Angel Luis Colón loves stories. Whether it’s through his blog, his podcast (the bastard title), his award-winning short stories, or his Blacky Jaguar novella series, Colón has a unique ability to see inside a story and shepherd it into the best venue to bring it to life. This month, Colón will bring a new story to life in HELL CHOSE ME, about a hitman’s quest to avenge the death of his brother. Colón’s first published novel came to be because he felt the story demanded it, but it also opens a new avenue for him to keep telling the stories he loves.

“This genre lets me entertain people,” he says. “Nothing in the world feels better than when I know I’ve entertained someone.”

The Big Thrill caught up with Colón to shed some light on the pitch-black contours of his debut novel.

You have a lot of experience with short stories and novellas. What was it about this story or these characters that made it worthy of a full-length novel?

I’ve never been a fan of dictating exactly how long a story will be above everything else. Will I say, “I would like to write a short story/novella/novel?” Sure. What will happen, though, is I’ll begin to see what form feels most comfortable for the story.

I had a talk with someone about this recently. They forced a story into a novel and it was a disaster, just a mess. In revision, they realized they had a short story hidden in the mess and cut all the garbage out. That story earned accolades and a few award nominations. While that’s a valuable learning experience, I’d say the lesson is to let the story tell you when it’s done, not the other way around.

So to answer your question: it just felt right to keep the story going.

What’s one surprise that came from writing a full-length novel? Were there moments where you felt your experience with other forms might have presented obstacles or forced you to see storytelling differently than you had before? 

I’m a fan of word economy in my stories (not so much in real life). This is a good thing for a first draft, but boy does it make the revision phase difficult. HELL CHOSE ME, if I remember correctly, had a first draft that was maybe 58,000 words in length. That is not what the modern publishing industry considers novel-length anymore. That meant I needed to take what I felt was a tight, workable story and extend it with flourishes.

Thankfully, as you can see, I can lean on my habit of rambling and constantly digressing to bring in those extra words.

Tell me a bit about the main character of HELL CHOSE ME, killer-for-hire Bryan Walsh. What do you like about him? What keeps him human? What surprised you as he came to life on the page? 

This is going to sound weird, but I like that Bryan is willing to accept that he is a weak person. He knows he’s a piece of trash and doesn’t flaunt as much as he understands himself better than most would think. Of course, his biggest issue is his inability to realize (constantly) that he could do better.
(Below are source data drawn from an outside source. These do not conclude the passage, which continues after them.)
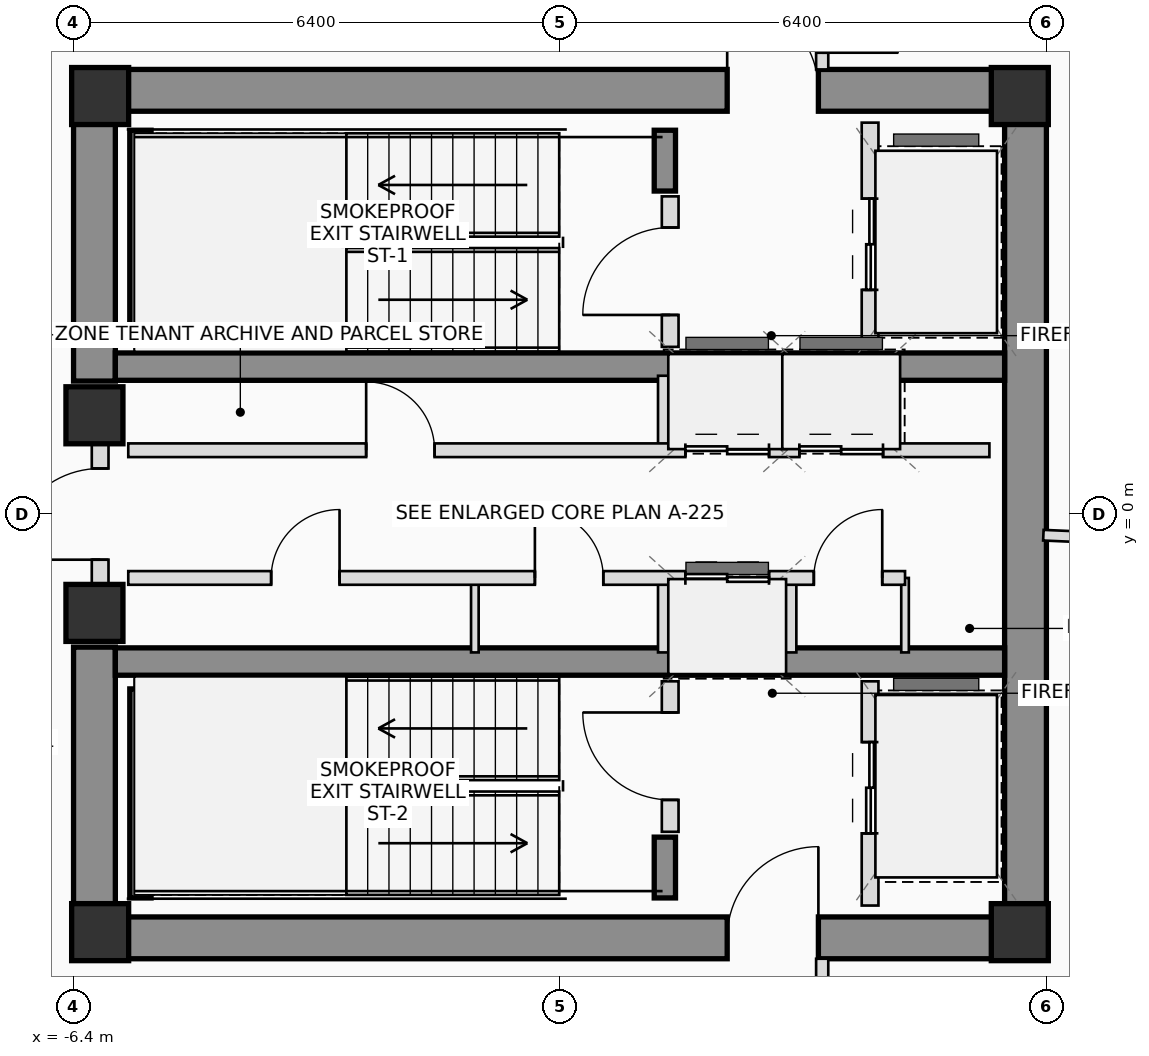
"""IFC4 building model, lengths in metres.
Left out: names, types, materials, properties, quantities, classifications, styles, units other than length and angle.
Written with IfcOpenShell. Run it as: python <this file> out.ifc"""

import sys

from ifc_helpers import new_model, si_unit, direction, frame, frame_2d, origin, origin_2d, place, context, subcontext, project, spatial, rectangle, extrude, source, transform, mapped, element, fill, save


model = new_model("IFC4")
c1 = context("Model", 3, precision=1e-05, world=origin(), true_north=direction((0.0, 1.0)))
c2 = subcontext(c1, "Body", "Model", "MODEL_VIEW")
j1 = project(units=[si_unit("LENGTHUNIT", "METRE"), si_unit("PLANEANGLEUNIT", "RADIAN")], contexts=[c1])
p1 = place(None, origin())
s1 = spatial("IfcSite", under=j1, at=p1, CompositionType="ELEMENT")
p2 = place(p1, origin())
s2 = spatial("IfcBuilding", under=s1, at=p2, CompositionType="ELEMENT")
p3 = place(p2, frame((0.0, 0.0, 271.15)))
s3 = spatial("IfcBuildingStorey", under=s2, at=p3, CompositionType="ELEMENT", Elevation=271.15)
m1 = source(origin(), c2, "Body", "SweptSolid", [
    extrude(rectangle(XDim=0.75, YDim=0.75, at=origin_2d()), origin(), (0.0, 0.0, 1.0), 3.4),
])
for number, where, z_axis, x_axis in (
    (1, (-6.05, -5.5, 0.0), (0.0, 0.0, 1.0), (1.0, 0.0, 0.0)),
    (2, (6.05, -5.5, 0.0), (0.0, 0.0, 1.0), (1.0, 0.0, 0.0)),
    (3, (6.05, 5.5, 0.0), (0.0, 0.0, 1.0), (1.0, 0.0, 0.0)),
    (4, (-6.05, 5.5, 0.0), (0.0, 0.0, 1.0), (1.0, 0.0, 0.0)),
):
    element("IfcColumn", number, at=place(p3, frame(where, z_axis=z_axis, x_axis=x_axis)), inside=s3, PredefinedType="COLUMN", context=c2, shape_type="MappedRepresentation", body=[
        mapped(m1, transform((0.0, 0.0, 0.0), scale=1.0)),
    ])
p4 = place(p3, frame((-6.4, 5.575, 0.0), z_axis=(0.0, 0.0, 1.0), x_axis=(1.0, 0.0, 0.0)))
e5 = element("IfcWall", 5, at=p4, inside=s3, PredefinedType="SHEAR", context=c2, shape_type="SweptSolid", body=[
    extrude(rectangle(XDim=12.8, YDim=0.55, at=frame_2d((6.4, 0.0))), origin(), (0.0, 0.0, 1.0), 3.4),
])
p5 = place(p4, frame((8.6, 0.0, 0.0)))
e6 = element("IfcOpeningElement", 6, at=p5, cuts=e5, PredefinedType="OPENING", context=c2, shape_type="SweptSolid", body=[
    extrude(rectangle(XDim=1.2, YDim=2.2, at=frame_2d((0.6, 1.1))), frame((0.0, 0.285, 0.0), z_axis=(0.0, -1.0, 0.0), x_axis=(1.0, 0.0, 0.0)), (0.0, 0.0, 1.0), 0.57),
])
p6 = place(p3, frame((-6.4, -5.575, 0.0), z_axis=(0.0, 0.0, 1.0), x_axis=(1.0, 0.0, 0.0)))
e7 = element("IfcWall", 7, at=p6, inside=s3, PredefinedType="SHEAR", context=c2, shape_type="SweptSolid", body=[
    extrude(rectangle(XDim=12.8, YDim=0.55, at=frame_2d((6.4, 0.0))), origin(), (0.0, 0.0, 1.0), 3.4),
])
p7 = place(p6, frame((8.6, 0.0, 0.0)))
e8 = element("IfcOpeningElement", 8, at=p7, cuts=e7, PredefinedType="OPENING", context=c2, shape_type="SweptSolid", body=[
    extrude(rectangle(XDim=1.2, YDim=2.2, at=frame_2d((0.6, 1.1))), frame((0.0, 0.285, 0.0), z_axis=(0.0, -1.0, 0.0), x_axis=(1.0, 0.0, 0.0)), (0.0, 0.0, 1.0), 0.57),
])
p8 = place(p3, frame((6.125, -5.3, 0.0), z_axis=(0.0, 0.0, 1.0), x_axis=(0.0, 1.0, 0.0)))
e9 = element("IfcWall", 9, at=p8, inside=s3, PredefinedType="SHEAR", context=c2, shape_type="SweptSolid", body=[
    extrude(rectangle(XDim=10.6, YDim=0.55, at=frame_2d((5.3, 0.0))), origin(), (0.0, 0.0, 1.0), 3.4),
])
for number, where, z_axis, x_axis in (
    (10, (-6.125, -5.3, 0.0), (0.0, 0.0, 1.0), (0.0, 1.0, 0.0)),
    (11, (-6.125, 1.75, 0.0), (0.0, 0.0, 1.0), (0.0, 1.0, 0.0)),
):
    element("IfcWall", number, at=place(p3, frame(where, z_axis=z_axis, x_axis=x_axis)), inside=s3, PredefinedType="SHEAR", context=c2, shape_type="SweptSolid", body=[
        extrude(rectangle(XDim=3.55, YDim=0.55, at=frame_2d((1.775, 0.0))), origin(), (0.0, 0.0, 1.0), 3.4),
    ])
for number, where, z_axis, x_axis in (
    (12, (-5.85, 1.94, 0.0), (0.0, 0.0, 1.0), (1.0, 0.0, 0.0)),
    (13, (-5.85, -1.94, 0.0), (0.0, 0.0, 1.0), (1.0, 0.0, 0.0)),
):
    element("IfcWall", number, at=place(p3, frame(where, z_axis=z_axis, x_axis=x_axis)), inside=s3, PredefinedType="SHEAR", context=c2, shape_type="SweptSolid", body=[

I think what surprised me most about Bryan was his relatability. Not that I’d kill anyone for money, but I do understand the feeling of defeat and acceptance of defeat—to give in to your demons without a fight. I’ve been there in my own ways, and that really informed the character.

Bryan is a hitman who is haunted by those he has killed. Yet, when it comes to his brother’s death, Bryan faces a moral dilemma between avenging his brother and, to quote the back-cover copy, “becoming the monster he always denied.” Would you please talk a bit about the line that Bryan draws for himself relative to when killing is okay, when it isn’t, and why? 

Bryan rationalized his horrific actions through his comatose brother. He figured that his familial obligation to that brother absolved him. That those sacrificed weren’t at the same level of his brother, but they were also consumed by vice or immorality. Bryan figured, Well, why should these people get to live a life if they squander it while his brother, a person who Bryan deemed “good,” had to waste away?

And really, Bryan’s not well. Readers will get a lot of insight into his history and see that this is a man who might not be anything else but an irredeemable monster.

Is there a scene or chapter in HELL CHOSE ME that is a favorite or that is especially meaningful to you? Why? 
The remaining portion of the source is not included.